Extremely glad to be home. Although now the second job starts. OH is fishing and I have housework to do tonight. Don't feel like it but it must be done as I have too many things in the pipeline to do which would be affected if I did not do what I have to do tonight. Its a chain reaction.
Last night I gave in and did a little family history research. We don't know too much about my mum's dad's family as apparently they did not talk about relations or who was where not like we do today. Mum's Dad left home when she was about 10 years old which compounded matters. Not only was my Grandmother abandoned with ten children during the war years his family did not have much to do with them either. So I grew up knowing my Dad's parents and my mum's mum died when I was 17 months old.

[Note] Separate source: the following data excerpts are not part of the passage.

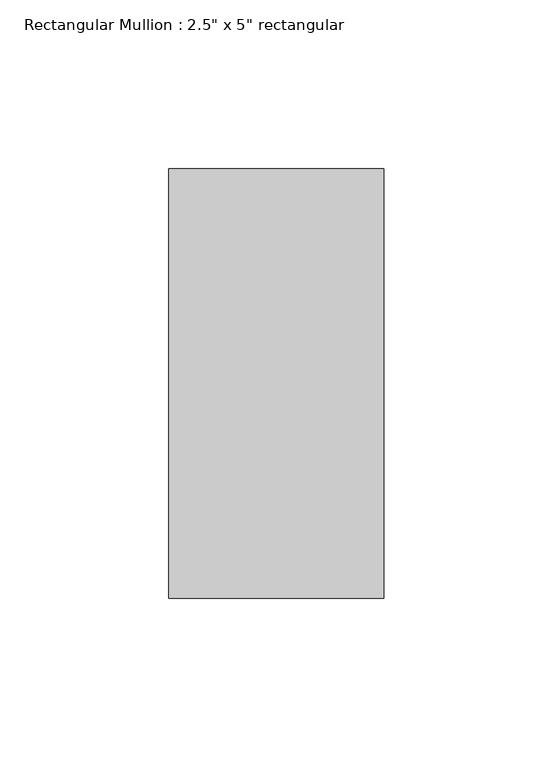
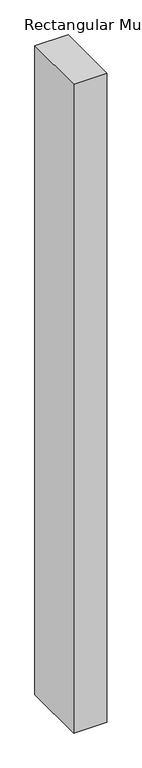
"""IFC4 building model written with IfcOpenShell, lengths in millimetres: member geometry."""

from ifc_helpers import new_model, si_unit, frame, origin, place, context, project, spatial, polyline, outline, extrude, source, transform, mapped, element, save


def member_65750824(model_context):
    return source(origin(), model_context, "Body", "SweptSolid", [
        extrude(outline(polyline([(0.0, 63.5), (0.0, -63.5), (-63.5, -63.5), (-63.5, 63.5), (0.0, 63.5)])), frame((0.0, 0.0, -1301.75), z_axis=(0.0, 0.0, 1.0), x_axis=(1.0, 0.0, 0.0)), (0.0, 0.0, 1.0), 1301.75),
    ])


if __name__ == "__main__":
    model = new_model("IFC4")
    model_context = context("Model", 3, world=origin())
    ifc_project = project(units=[si_unit("LENGTHUNIT", "METRE", prefix="MILLI")], contexts=[model_context])
    site = spatial("IfcSite", under=ifc_project)
    building = spatial("IfcBuilding", under=site)
    placement = place(None, origin())
    member_shape = member_65750824(model_context)
    element("IfcMember", 1, ObjectType="Rectangular Mullion : 2.5\" x 5\" rectangular", at=placement, inside=building, context=model_context, shape_type="MappedRepresentation", body=[
        mapped(member_shape, transform((0.0, 0.0, 0.0), x_axis=(1.0, 0.0, 0.0), y_axis=(0.0, 1.0, 0.0), z_axis=(0.0, 0.0, 1.0))),
    ])
    save(model, "model.ifc")

# Revit data of these elements
# Type "Rectangular Mullion : 2.5\" x 5\" rectangular"
#   built-in parameter 1007304 = 0.416667 (stored number, unit not read)
#   built-in parameter 1007301 = 0.104167 (stored number, unit not read)
#   built-in parameter 1007300 = 0.104167 (stored number, unit not read)
# Element 1 (IfcMember, "Rectangular Mullion : 2.5\" x 5\" rectangular")
#   Materials on its faces: "Aluminum"
# Materials
#   "Aluminum": class "Metal", colour RGB 247 247 247, transparency 0, Description = "Aluminum 6061", Cost = 0

Even though I was so young I still remember her presence even though I don't have a visual of her apart from photographs. Apparently it was my Gran who got me into the habit of dipping my finger in the sugar!
That was not the end of the saga though. My grandparents never divorced and would have got back together as my Granddad asked if she would move to another town. She checked with the children and they did not want to move so as a result being the mum she was sacrificed her own happiness for that of her children. They never did divorce and my granddad actually attended her funeral. After her death he eventually remarried and ended up losing his second wife to cancer as well. Mum went to see them and then lost contact with them. I think she felt in a difficult position as if she was betraying her mum even though she loved her Dad. This is the simplistic run of events obviously matters were much more complicated than that.
I got divorced and started to spend time with my closest cousin visiting on a regular basis and I got it into my head that I wanted to meet my Granddad. That visit was to bring a chain of events into play. My cousin was refusing to take me even though I did not know the area where Granddad was living and in the end I told her she didn't have to come in. I duly attended and he was pleased I had made the effort to go and see him. My cousin's curiousity got the better of her and she also came in. I liked what I saw he had a generous chuckle and wicked sense of humour. We had a photo taken which I treasure even though I did not really know him I sensed an affinity with him. I could not help but like him. I only met him the once but that visit got my mum going to see him again on a regular basis. Then Granddad started having circulation problems with his legs and ended up having one of them amputated due to gangrene. Not long after he passed.
We went to the funeral and my mum was really cross that his new family were pulling the shots and dictating what should and should not be done and I had to keep her quiet but that was the upset coming out. Losing her Dad like that hit her particularly hard.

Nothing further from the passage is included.